Russian Cultural History: From Czars to Commissars

Instructor:
Martin Miller
LS 780-15
Fall 2019
Tuesdays, 6:15-8:45 pm
Classroom Building 241 (East Campus)
Begins August 27 - Ends November 26 (no class on October 8)

This course will focus on the extraordinary cultural developments which emerged in Russia during the period when the country evolved from an Imperial autocracy to a socialist empire. The great divide were the revolutions of 1917, which together ended the Romanov monarchy and brought to power a radical Bolshevik party intent on constructing a utopian transformation of society. In the years prior to the First World War during the reign of Nicholas II, Russia experienced a paradoxical set of currents dominated by political decline and cultural awakening. The upsurge in innovations in literature, painting, photography, dance and the cinema that dominated the Silver Age before the revolution maintained some degree of continuity in the early years of the post-revolutionary society of the Soviet Union.

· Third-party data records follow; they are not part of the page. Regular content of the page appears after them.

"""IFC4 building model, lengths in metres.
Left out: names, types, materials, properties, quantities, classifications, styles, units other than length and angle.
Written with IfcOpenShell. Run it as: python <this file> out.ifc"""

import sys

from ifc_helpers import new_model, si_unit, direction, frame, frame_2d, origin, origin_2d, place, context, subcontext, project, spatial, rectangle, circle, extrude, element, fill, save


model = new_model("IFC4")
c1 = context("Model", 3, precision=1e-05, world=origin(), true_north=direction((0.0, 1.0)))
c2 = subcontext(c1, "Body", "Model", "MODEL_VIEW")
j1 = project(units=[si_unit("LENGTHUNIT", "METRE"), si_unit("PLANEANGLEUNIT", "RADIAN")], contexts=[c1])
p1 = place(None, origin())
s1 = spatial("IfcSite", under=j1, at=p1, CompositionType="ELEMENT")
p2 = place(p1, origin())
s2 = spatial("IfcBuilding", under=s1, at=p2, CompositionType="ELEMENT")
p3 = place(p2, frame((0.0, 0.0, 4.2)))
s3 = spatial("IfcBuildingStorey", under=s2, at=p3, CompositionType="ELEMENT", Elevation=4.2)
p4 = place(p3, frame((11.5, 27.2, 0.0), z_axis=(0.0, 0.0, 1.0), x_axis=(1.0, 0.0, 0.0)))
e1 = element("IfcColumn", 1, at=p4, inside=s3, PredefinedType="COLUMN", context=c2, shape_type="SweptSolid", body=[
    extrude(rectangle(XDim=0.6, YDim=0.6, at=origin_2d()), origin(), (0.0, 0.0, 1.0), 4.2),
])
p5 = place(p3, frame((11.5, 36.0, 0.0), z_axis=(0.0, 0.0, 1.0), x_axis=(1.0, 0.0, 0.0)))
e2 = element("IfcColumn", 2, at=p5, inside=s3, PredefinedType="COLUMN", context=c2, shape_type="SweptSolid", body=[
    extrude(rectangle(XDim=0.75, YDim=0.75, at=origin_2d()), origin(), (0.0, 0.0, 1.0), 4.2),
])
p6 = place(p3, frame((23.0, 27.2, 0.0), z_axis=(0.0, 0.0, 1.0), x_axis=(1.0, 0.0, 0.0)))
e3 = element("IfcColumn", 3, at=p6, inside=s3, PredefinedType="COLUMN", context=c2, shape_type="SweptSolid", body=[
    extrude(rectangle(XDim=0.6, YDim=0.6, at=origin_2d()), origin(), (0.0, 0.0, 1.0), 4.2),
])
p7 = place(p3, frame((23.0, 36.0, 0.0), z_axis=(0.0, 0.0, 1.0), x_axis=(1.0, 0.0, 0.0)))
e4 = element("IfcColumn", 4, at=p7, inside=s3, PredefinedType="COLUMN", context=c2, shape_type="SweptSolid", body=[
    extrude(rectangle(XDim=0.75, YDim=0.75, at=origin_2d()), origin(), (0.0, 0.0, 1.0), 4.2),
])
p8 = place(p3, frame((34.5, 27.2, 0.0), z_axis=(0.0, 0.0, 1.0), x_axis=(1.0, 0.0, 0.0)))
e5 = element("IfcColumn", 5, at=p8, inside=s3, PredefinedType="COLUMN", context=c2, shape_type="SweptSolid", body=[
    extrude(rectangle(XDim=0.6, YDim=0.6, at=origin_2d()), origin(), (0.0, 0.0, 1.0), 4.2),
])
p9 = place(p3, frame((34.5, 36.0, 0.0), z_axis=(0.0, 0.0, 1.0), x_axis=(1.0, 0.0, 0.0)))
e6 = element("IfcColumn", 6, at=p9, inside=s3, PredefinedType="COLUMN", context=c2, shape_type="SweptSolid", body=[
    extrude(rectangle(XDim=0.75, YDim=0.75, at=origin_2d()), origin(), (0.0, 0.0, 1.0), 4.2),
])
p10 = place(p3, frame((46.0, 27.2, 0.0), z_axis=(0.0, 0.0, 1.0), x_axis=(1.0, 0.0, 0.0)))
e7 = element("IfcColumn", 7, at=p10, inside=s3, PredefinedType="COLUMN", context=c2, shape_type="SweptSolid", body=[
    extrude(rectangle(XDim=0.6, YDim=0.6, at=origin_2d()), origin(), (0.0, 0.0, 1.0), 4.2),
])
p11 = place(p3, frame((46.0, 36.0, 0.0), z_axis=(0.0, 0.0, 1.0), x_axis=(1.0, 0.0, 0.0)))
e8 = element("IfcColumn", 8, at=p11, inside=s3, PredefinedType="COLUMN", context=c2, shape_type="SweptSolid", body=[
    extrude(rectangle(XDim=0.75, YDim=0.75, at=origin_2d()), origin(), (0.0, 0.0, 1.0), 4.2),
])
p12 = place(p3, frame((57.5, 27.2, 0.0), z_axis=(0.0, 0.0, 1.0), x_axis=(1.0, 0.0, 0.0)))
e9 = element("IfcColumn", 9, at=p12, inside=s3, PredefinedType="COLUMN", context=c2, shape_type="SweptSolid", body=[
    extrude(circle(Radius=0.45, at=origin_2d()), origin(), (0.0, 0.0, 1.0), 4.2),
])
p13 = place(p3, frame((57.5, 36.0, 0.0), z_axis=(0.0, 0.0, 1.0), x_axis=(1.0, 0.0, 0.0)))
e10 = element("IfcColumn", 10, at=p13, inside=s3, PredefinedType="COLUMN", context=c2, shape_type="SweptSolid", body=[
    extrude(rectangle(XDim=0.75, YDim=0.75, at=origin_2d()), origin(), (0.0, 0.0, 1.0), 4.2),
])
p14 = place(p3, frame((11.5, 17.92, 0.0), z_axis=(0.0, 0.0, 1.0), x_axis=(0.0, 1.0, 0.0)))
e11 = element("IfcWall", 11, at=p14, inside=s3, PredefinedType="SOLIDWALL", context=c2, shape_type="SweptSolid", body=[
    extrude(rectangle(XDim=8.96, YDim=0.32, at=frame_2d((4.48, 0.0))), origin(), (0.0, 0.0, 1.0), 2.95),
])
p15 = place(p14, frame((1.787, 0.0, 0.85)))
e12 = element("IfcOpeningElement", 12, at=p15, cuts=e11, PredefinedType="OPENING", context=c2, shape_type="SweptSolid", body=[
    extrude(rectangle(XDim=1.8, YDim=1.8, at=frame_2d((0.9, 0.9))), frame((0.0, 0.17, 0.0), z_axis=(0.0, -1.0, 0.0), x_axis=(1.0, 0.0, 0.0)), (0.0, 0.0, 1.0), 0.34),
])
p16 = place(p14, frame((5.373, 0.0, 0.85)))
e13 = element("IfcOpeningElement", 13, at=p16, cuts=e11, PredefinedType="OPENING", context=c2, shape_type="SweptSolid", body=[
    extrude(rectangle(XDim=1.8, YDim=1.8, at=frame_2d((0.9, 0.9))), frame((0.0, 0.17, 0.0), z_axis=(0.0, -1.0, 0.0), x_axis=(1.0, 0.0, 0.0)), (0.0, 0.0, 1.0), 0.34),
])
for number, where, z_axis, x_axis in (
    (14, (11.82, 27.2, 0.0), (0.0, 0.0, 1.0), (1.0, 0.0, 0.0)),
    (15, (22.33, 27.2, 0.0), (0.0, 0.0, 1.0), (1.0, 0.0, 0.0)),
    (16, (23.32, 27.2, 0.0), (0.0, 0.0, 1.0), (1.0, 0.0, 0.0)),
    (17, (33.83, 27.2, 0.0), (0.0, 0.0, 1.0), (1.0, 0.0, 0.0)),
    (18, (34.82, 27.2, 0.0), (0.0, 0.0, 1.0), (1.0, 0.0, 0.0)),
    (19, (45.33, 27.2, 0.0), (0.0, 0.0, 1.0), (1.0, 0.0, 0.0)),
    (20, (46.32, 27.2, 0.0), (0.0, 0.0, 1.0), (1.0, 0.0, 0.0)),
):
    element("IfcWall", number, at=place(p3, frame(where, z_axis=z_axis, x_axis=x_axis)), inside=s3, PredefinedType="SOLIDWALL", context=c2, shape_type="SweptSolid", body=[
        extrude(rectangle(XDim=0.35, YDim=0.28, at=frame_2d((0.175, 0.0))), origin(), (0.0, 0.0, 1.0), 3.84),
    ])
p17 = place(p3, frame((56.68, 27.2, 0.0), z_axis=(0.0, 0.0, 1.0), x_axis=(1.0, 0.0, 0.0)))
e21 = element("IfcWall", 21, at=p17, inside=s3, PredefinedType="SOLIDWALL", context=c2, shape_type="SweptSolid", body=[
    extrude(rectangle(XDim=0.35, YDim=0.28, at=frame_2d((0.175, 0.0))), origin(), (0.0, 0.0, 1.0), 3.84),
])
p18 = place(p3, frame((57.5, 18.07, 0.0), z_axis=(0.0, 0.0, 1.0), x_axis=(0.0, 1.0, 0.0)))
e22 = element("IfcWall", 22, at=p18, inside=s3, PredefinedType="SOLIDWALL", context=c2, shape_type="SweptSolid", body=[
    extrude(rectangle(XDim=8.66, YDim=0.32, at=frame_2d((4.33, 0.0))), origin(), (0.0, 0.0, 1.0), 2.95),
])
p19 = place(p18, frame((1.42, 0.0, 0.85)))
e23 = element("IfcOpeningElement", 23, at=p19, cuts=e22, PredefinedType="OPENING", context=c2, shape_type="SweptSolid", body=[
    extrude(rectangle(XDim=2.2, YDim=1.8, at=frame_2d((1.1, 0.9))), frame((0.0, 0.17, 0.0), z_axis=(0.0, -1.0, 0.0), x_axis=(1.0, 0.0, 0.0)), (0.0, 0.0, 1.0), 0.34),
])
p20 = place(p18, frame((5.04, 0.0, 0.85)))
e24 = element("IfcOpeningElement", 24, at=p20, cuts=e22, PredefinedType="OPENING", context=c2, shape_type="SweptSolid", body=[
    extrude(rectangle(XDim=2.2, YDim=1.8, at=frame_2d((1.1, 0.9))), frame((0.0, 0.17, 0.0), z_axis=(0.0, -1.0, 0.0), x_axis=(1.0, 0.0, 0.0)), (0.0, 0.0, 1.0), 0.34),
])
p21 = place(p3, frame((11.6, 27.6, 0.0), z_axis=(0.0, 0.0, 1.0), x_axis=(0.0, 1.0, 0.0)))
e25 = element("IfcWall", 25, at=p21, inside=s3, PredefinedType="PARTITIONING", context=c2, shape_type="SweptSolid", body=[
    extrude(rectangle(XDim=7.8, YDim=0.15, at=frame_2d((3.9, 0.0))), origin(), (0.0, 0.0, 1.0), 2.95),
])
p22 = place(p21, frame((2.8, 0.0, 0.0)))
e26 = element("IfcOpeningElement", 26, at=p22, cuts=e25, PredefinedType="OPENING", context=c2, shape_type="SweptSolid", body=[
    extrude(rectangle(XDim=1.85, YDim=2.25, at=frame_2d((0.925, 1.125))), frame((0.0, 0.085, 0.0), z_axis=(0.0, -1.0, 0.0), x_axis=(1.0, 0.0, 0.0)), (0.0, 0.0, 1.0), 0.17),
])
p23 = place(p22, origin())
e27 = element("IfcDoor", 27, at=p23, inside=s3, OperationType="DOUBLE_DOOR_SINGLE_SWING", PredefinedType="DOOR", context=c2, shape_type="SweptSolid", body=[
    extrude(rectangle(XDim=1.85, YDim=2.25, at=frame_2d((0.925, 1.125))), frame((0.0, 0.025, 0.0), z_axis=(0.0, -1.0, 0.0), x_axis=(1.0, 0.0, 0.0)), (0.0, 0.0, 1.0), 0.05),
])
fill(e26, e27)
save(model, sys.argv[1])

Under the banner of socialist construction, new forms of artistic endeavor and experimentation were encouraged and funded by the new regime. Yet, by the end of the 1920s, the ruling communist regime established a doctrinal consensus that led to the abolition of all other political parties at home and the creation of a global confrontation abroad that would later be named the Cold War.

           

We will analyze these contradictory forces, which were so influential during the transition period from tsars to commissars in Russia. Using both print sources as well as examples of the exciting art forms of the era, we shall seek to answer a number of problems which emerged in this historical time frame, including the important question of how culture and politics interact with one another in two entirely different governmental systems.

 

Readings:

Edward Acton, Russia

Steven Marks, How Russia Shaped the Modern World

Selections from the literature, plastic arts and cinema of the time period will be made available,

 

Requirements:

There will be several short response papers in which students will analyze the artistic forms under study in their historical context, and a longer essay due at the end of the term which will permit research in greater depth on any aspect of Russian culture.

 

About Martin Miller
History

Martin Miller received his Ph.D. in Russian history at the University of Chicago and has taught at Stanford University and the New School for Social Research. He has been a member of the History Department at Duke for many years. Dr. Miller has conducted archival research in Russia and Western Europe, and has received numerous grants, among which are the National Endowment for the Humanities, the Ford Foundation, the National Council on Russian and Eastern European Studies, and the International Research and Exchanges Board (IREX).